Importantly, in 41% of cases, the panel of independent experts would have recommended a change in management, including initiation of therapy, altered antimicrobial spectrum, and/or change in duration of therapy, based on the PCR/ESI-MS results. This percentage increased to 57 when PCR/ESI-MS tests were positive.
This study has several limitations. First, PCR/ESI-MS cannot provide detailed antimicrobial susceptibility information, unlike culture techniques. Hence, although it can provide sensitive and rapid identification of causative microorganisms, PCR/ESI-MS cannot currently replace culture methods. The results reported here need to be confirmed in studies that can directly determine the impact of this approach on clinical and economic outcomes, including length of stay and survival, but also on resistance patterns.
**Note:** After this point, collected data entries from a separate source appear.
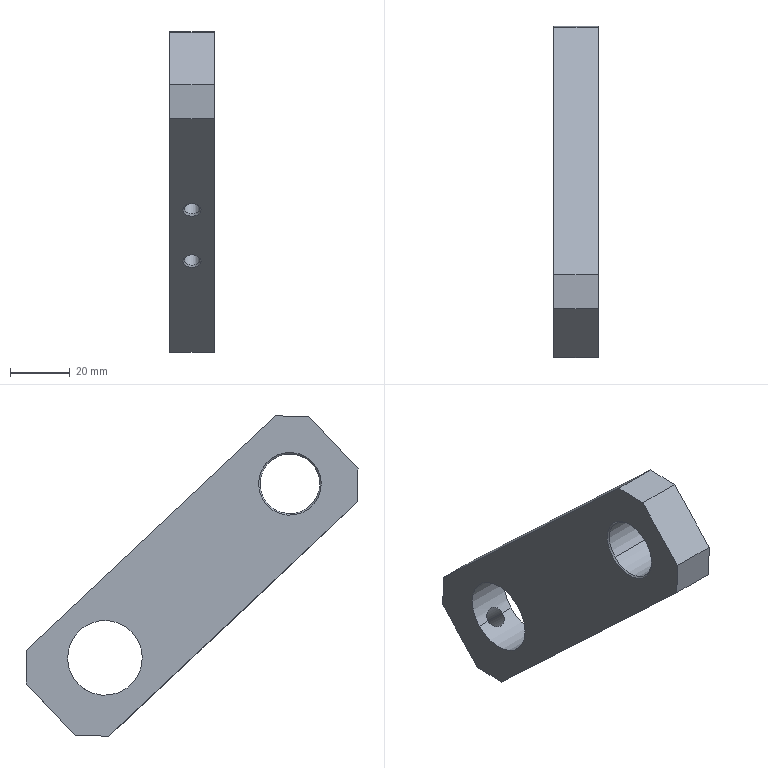Component | SolidWorks | FilmMechanism-3-1_LeftSupportBlock-1 | 1 solid | 32 faces | box 15 x 111.11 x 107.26 mm | volume 62724 mm3 | cone 12 | cylinder 10 | plane 10 | commonest cylinder face diameters 5 x4 6.8 x2 25 x2 20 x2
STEP:
#1=COLOUR_RGB('',0.7922,0.8196,0.9333);
#2=FILL_AREA_STYLE_COLOUR('',#1);
#3=FILL_AREA_STYLE('',(#2));
#4=SURFACE_STYLE_FILL_AREA(#3);
#5=SURFACE_SIDE_STYLE('',(#4));
#6=SURFACE_STYLE_USAGE(.BOTH.,#5);
#7=PRESENTATION_STYLE_ASSIGNMENT((#6));
#8=CARTESIAN_POINT('',(-21.419,17.638,-2.001));
#9=VERTEX_POINT('',#8);
#10=CARTESIAN_POINT('',(-21.222,17.638,-2.001));
#11=VERTEX_POINT('',#10);
#12=CARTESIAN_POINT('',(-21.321,17.638,-2.001));
#13=DIRECTION('',(0.,-0.6854,-0.7282));
#14=DIRECTION('',(1.,0.,0.));
#15=AXIS2_PLACEMENT_3D('',#12,#13,#14);
#16=CIRCLE('',#15,0.09843);
#17=EDGE_CURVE('',#9,#11,#16,.T.);
#18=ORIENTED_EDGE('',*,*,#17,.F.);
#19=CARTESIAN_POINT('',(-21.44,17.624,-2.016));
#20=VERTEX_POINT('',#19);
#21=CARTESIAN_POINT('',(-21.44,17.624,-2.016));
#22=DIRECTION('',(-0.7071,-0.4846,-0.5149));
#23=VECTOR('',#22,39.37);
#24=LINE('',#21,#23);
#25=EDGE_CURVE('',#9,#20,#24,.T.);
#26=ORIENTED_EDGE('',*,*,#25,.T.);
#27=CARTESIAN_POINT('',(-21.202,17.624,-2.016));
#28=VERTEX_POINT('',#27);
#29=CARTESIAN_POINT('',(-21.321,17.624,-2.016));
#30=DIRECTION('',(0.,-0.6854,-0.7282));
#31=DIRECTION('',(1.,0.,0.));
#32=AXIS2_PLACEMENT_3D('',#29,#30,#31);
#33=CIRCLE('',#32,0.1191);
#34=EDGE_CURVE('',#20,#28,#33,.T.);
#35=ORIENTED_EDGE('',*,*,#34,.T.);
#36=CARTESIAN_POINT('',(-21.202,17.624,-2.016));
#37=DIRECTION('',(0.7071,-0.4846,-0.5149));
#38=VECTOR('',#37,39.37);
#39=LINE('',#36,#38);
#40=EDGE_CURVE('',#11,#28,#39,.T.);
#41=ORIENTED_EDGE('',*,*,#40,.F.);
#42=EDGE_LOOP('',(#18,#26,#35,#41));
#43=FACE_OUTER_BOUND('',#42,.T.);
#44=CARTESIAN_POINT('',(-21.321,17.624,-2.016));
#45=DIRECTION('',(0.,-0.6854,-0.7282));
#46=DIRECTION('',(1.,0.,0.));
#47=AXIS2_PLACEMENT_3D('',#44,#45,#46);
#48=CONICAL_SURFACE('',#47,0.1191,0.7854);
#49=ADVANCED_FACE('',(#43),#48,.F.);
#50=CARTESIAN_POINT('',(-21.419,18.163,-1.443));
#51=VERTEX_POINT('',#50);
#52=CARTESIAN_POINT('',(-21.222,18.163,-1.443));
#53=VERTEX_POINT('',#52);
#54=CARTESIAN_POINT('',(-21.321,18.163,-1.443));
#55=DIRECTION('',(0.,-0.6854,-0.7282));
#56=DIRECTION('',(1.,0.,0.));
#57=AXIS2_PLACEMENT_3D('',#54,#55,#56);
#58=CIRCLE('',#57,0.09843);
#59=EDGE_CURVE('',#51,#53,#58,.T.);
#60=ORIENTED_EDGE('',*,*,#59,.F.);
#61=CARTESIAN_POINT('',(-21.419,17.624,-2.016));
#62=DIRECTION('',(0.,-0.6854,-0.7282));
#63=VECTOR('',#62,39.37);
#64=LINE('',#61,#63);
#65=EDGE_CURVE('',#51,#9,#64,.T.);
#66=ORIENTED_EDGE('',*,*,#65,.T.);
#67=ORIENTED_EDGE('',*,*,#17,.T.);
#68=CARTESIAN_POINT('',(-21.222,17.624,-2.016));
#69=DIRECTION('',(0.,-0.6854,-0.7282));
#70=VECTOR('',#69,39.37);
#71=LINE('',#68,#70);
#72=EDGE_CURVE('',#53,#11,#71,.T.);
#73=ORIENTED_EDGE('',*,*,#72,.F.);
#74=EDGE_LOOP('',(#60,#66,#67,#73));
#75=FACE_OUTER_BOUND('',#74,.T.);
#76=CARTESIAN_POINT('',(-21.321,17.624,-2.016));
#77=DIRECTION('',(0.,-0.6854,-0.7282));
#78=DIRECTION('',(1.,0.,0.));
#79=AXIS2_PLACEMENT_3D('',#76,#77,#78);
#80=CYLINDRICAL_SURFACE('',#79,0.09843);
#81=ADVANCED_FACE('',(#75),#80,.F.);
#82=CARTESIAN_POINT('',(-21.321,18.204,-1.4));
#83=VERTEX_POINT('',#82);
#84=CARTESIAN_POINT('',(-21.222,18.163,-1.443));
#85=DIRECTION('',(0.8572,-0.353,-0.375));
#86=VECTOR('',#85,39.37);
#87=LINE('',#84,#86);
#88=EDGE_CURVE('',#83,#53,#87,.T.);
#89=ORIENTED_EDGE('',*,*,#88,.F.);
#90=CARTESIAN_POINT('',(-21.419,18.163,-1.443));
#91=DIRECTION('',(-0.8572,-0.353,-0.375));
#92=VECTOR('',#91,39.37);
#93=LINE('',#90,#92);
#94=EDGE_CURVE('',#83,#51,#93,.T.);
#95=ORIENTED_EDGE('',*,*,#94,.T.);
#96=ORIENTED_EDGE('',*,*,#59,.T.);
#97=EDGE_LOOP('',(#89,#95,#96));
#98=FACE_OUTER_BOUND('',#97,.T.);
#99=CARTESIAN_POINT('',(-21.321,18.163,-1.443));
#100=DIRECTION('',(0.,-0.6854,-0.7282));
#101=DIRECTION('',(1.,0.,0.));
#102=AXIS2_PLACEMENT_3D('',#99,#100,#101);
#103=CONICAL_SURFACE('',#102,0.09843,1.03);
#104=ADVANCED_FACE('',(#98),#103,.F.);
#105=CARTESIAN_POINT('',(-21.419,16.921,-1.327));
#106=VERTEX_POINT('',#105);
#107=CARTESIAN_POINT('',(-21.222,16.921,-1.327));
#108=VERTEX_POINT('',#107);
#109=CARTESIAN_POINT('',(-21.321,16.921,-1.327));
#110=DIRECTION('',(0.,-0.6854,-0.7282));
#111=DIRECTION('',(1.,0.,0.));
#112=AXIS2_PLACEMENT_3D('',#109,#110,#111);
#113=CIRCLE('',#112,0.09843);
#114=EDGE_CURVE('',#106,#108,#113,.T.);
#115=ORIENTED_EDGE('',*,*,#114,.F.);
#116=CARTESIAN_POINT('',(-21.44,16.907,-1.342));
#117=VERTEX_POINT('',#116);
#118=CARTESIAN_POINT('',(-21.44,16.907,-1.342));
#119=DIRECTION('',(-0.7071,-0.4846,-0.5149));
#120=VECTOR('',#119,39.37);
#121=LINE('',#118,#120);
#122=EDGE_CURVE('',#106,#117,#121,.T.);
#123=ORIENTED_EDGE('',*,*,#122,.T.);
#124=CARTESIAN_POINT('',(-21.202,16.907,-1.342));
#125=VERTEX_POINT('',#124);
#126=CARTESIAN_POINT('',(-21.321,16.907,-1.342));
#127=DIRECTION('',(0.,-0.6854,-0.7282));
#128=DIRECTION('',(1.,0.,0.));
#129=AXIS2_PLACEMENT_3D('',#126,#127,#128);
#130=CIRCLE('',#129,0.1191);
#131=EDGE_CURVE('',#117,#125,#130,.T.);
#132=ORIENTED_EDGE('',*,*,#131,.T.);
#133=CARTESIAN_POINT('',(-21.202,16.907,-1.342));
#134=DIRECTION('',(0.7071,-0.4846,-0.5149));
#135=VECTOR('',#134,39.37);
#136=LINE('',#133,#135);
#137=EDGE_CURVE('',#108,#125,#136,.T.);
#138=ORIENTED_EDGE('',*,*,#137,.F.);
#139=EDGE_LOOP('',(#115,#123,#132,#138));
#140=FACE_OUTER_BOUND('',#139,.T.);
#141=CARTESIAN_POINT('',(-21.321,16.907,-1.342));
#142=DIRECTION('',(0.,-0.6854,-0.7282));
#143=DIRECTION('',(1.,0.,0.));
#144=AXIS2_PLACEMENT_3D('',#141,#142,#143);
#145=CONICAL_SURFACE('',#144,0.1191,0.7854);
#146=ADVANCED_FACE('',(#140),#145,.F.);
#147=CARTESIAN_POINT('',(-21.419,17.447,-0.7684));
#148=VERTEX_POINT('',#147);
#149=CARTESIAN_POINT('',(-21.222,17.447,-0.7684));
#150=VERTEX_POINT('',#149);
#151=CARTESIAN_POINT('',(-21.321,17.447,-0.7684));
#152=DIRECTION('',(0.,-0.6854,-0.7282));
#153=DIRECTION('',(1.,0.,0.));
#154=AXIS2_PLACEMENT_3D('',#151,#152,#153);
#155=CIRCLE('',#154,0.09843);
#156=EDGE_CURVE('',#148,#150,#155,.T.);
#157=ORIENTED_EDGE('',*,*,#156,.F.);
#158=CARTESIAN_POINT('',(-21.419,16.907,-1.342));
#159=DIRECTION('',(0.,-0.6854,-0.7282));
#160=VECTOR('',#159,39.37);
#161=LINE('',#158,#160);
#162=EDGE_CURVE('',#148,#106,#161,.T.);
#163=ORIENTED_EDGE('',*,*,#162,.T.);
#164=ORIENTED_EDGE('',*,*,#114,.T.);
#165=CARTESIAN_POINT('',(-21.222,16.907,-1.342));
#166=DIRECTION('',(0.,-0.6854,-0.7282));
#167=VECTOR('',#166,39.37);
#168=LINE('',#165,#167);
#169=EDGE_CURVE('',#150,#108,#168,.T.);
#170=ORIENTED_EDGE('',*,*,#169,.F.);
#171=EDGE_LOOP('',(#157,#163,#164,#170));
#172=FACE_OUTER_BOUND('',#171,.T.);
#173=CARTESIAN_POINT('',(-21.321,16.907,-1.342));
#174=DIRECTION('',(0.,-0.6854,-0.7282));
#175=DIRECTION('',(1.,0.,0.));
#176=AXIS2_PLACEMENT_3D('',#173,#174,#175);
#177=CYLINDRICAL_SURFACE('',#176,0.09843);
#178=ADVANCED_FACE('',(#172),#177,.F.);
#179=CARTESIAN_POINT('',(-21.321,17.487,-0.7253));
#180=VERTEX_POINT('',#179);
#181=CARTESIAN_POINT('',(-21.222,17.447,-0.7684));
#182=DIRECTION('',(0.8572,-0.353,-0.375));
#183=VECTOR('',#182,39.37);
#184=LINE('',#181,#183);
#185=EDGE_CURVE('',#180,#150,#184,.T.);
#186=ORIENTED_EDGE('',*,*,#185,.F.);
#187=CARTESIAN_POINT('',(-21.419,17.447,-0.7684));
#188=DIRECTION('',(-0.8572,-0.353,-0.375));
#189=VECTOR('',#188,39.37);
#190=LINE('',#187,#189);
#191=EDGE_CURVE('',#180,#148,#190,.T.);
#192=ORIENTED_EDGE('',*,*,#191,.T.);
#193=ORIENTED_EDGE('',*,*,#156,.T.);
#194=EDGE_LOOP('',(#186,#192,#193));
#195=FACE_OUTER_BOUND('',#194,.T.);
#196=CARTESIAN_POINT('',(-21.321,17.447,-0.7684));
#197=DIRECTION('',(0.,-0.6854,-0.7282));
#198=DIRECTION('',(1.,0.,0.));
#199=AXIS2_PLACEMENT_3D('',#196,#197,#198);
#200=CONICAL_SURFACE('',#199,0.09843,1.03);
#201=ADVANCED_FACE('',(#195),#200,.F.);
#202=CARTESIAN_POINT('',(-21.187,19.651,-2.843));
#203=VERTEX_POINT('',#202);
#204=CARTESIAN_POINT('',(-21.455,19.651,-2.843));
#205=VERTEX_POINT('',#204);
#206=CARTESIAN_POINT('',(-21.321,19.651,-2.843));
#207=DIRECTION('',(-0.,0.7282,-0.6854));
#208=DIRECTION('',(-1.,0.,0.));
#209=AXIS2_PLACEMENT_3D('',#206,#207,#208);
#210=CIRCLE('',#209,0.1339);
#211=EDGE_CURVE('',#203,#205,#210,.T.);
#212=ORIENTED_EDGE('',*,*,#211,.F.);
#213=CARTESIAN_POINT('',(-21.162,19.668,-2.86));
#214=VERTEX_POINT('',#213);
#215=CARTESIAN_POINT('',(-21.162,19.668,-2.86));
#216=DIRECTION('',(0.7071,0.5149,-0.4846));
#217=VECTOR('',#216,39.37);
#218=LINE('',#215,#217);
#219=EDGE_CURVE('',#203,#214,#218,.T.);
#220=ORIENTED_EDGE('',*,*,#219,.T.);
#221=CARTESIAN_POINT('',(-21.479,19.668,-2.86));
#222=VERTEX_POINT('',#221);
#223=CARTESIAN_POINT('',(-21.321,19.668,-2.86));
#224=DIRECTION('',(-0.,0.7282,-0.6854));
#225=DIRECTION('',(-1.,0.,0.));
#226=AXIS2_PLACEMENT_3D('',#223,#224,#225);
#227=CIRCLE('',#226,0.1585);
#228=EDGE_CURVE('',#214,#222,#227,.T.);
#229=ORIENTED_EDGE('',*,*,#228,.T.);
#230=CARTESIAN_POINT('',(-21.479,19.668,-2.86));
#231=DIRECTION('',(-0.7071,0.5149,-0.4846));
#232=VECTOR('',#231,39.37);
#233=LINE('',#230,#232);
#234=EDGE_CURVE('',#205,#222,#233,.T.);
#235=ORIENTED_EDGE('',*,*,#234,.F.);
#236=EDGE_LOOP('',(#212,#220,#229,#235));
#237=FACE_OUTER_BOUND('',#236,.T.);
#238=CARTESIAN_POINT('',(-21.321,19.668,-2.86));
#239=DIRECTION('',(-0.,0.7282,-0.6854));
#240=DIRECTION('',(-1.,0.,0.));
#241=AXIS2_PLACEMENT_3D('',#238,#239,#240);
#242=CONICAL_SURFACE('',#241,0.1585,0.7854);
#243=ADVANCED_FACE('',(#237),#242,.F.);
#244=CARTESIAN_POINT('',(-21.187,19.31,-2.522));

Second, the greater detection rate of E. coli, S. aureus, E. faecium, C. albicans, and Klebsiella pneumoniae by PCR/ESI-MS compared with routine culture was unanticipated, and the explanation is unclear. Prior to study inclusion, most patients were exposed to combinations of two or more antibiotics active against Gram-positive and Gram-negative organisms and were often receiving one or more antifungals in addition. As stated above, the bacterium/fungus may have been largely cleared with preexisting antibiotics, hence the negative culture results, but remaining DNA remnants in the circulation may have been sufficient to give a positive PCR/ESI-MS. The sensitivity of the technique increases the risk of identifying contaminants and commensals; however, the pathogens most frequently detected in the study are those associated with infection. Accepting the validity of these data, the PCR/ESI-MS test could be of importance to help target antimicrobial therapy in patients who have already started antimicrobials and have negative cultures (salvage microbiology). Further, ideally interventional, studies are warranted to confirm and further explore these findings.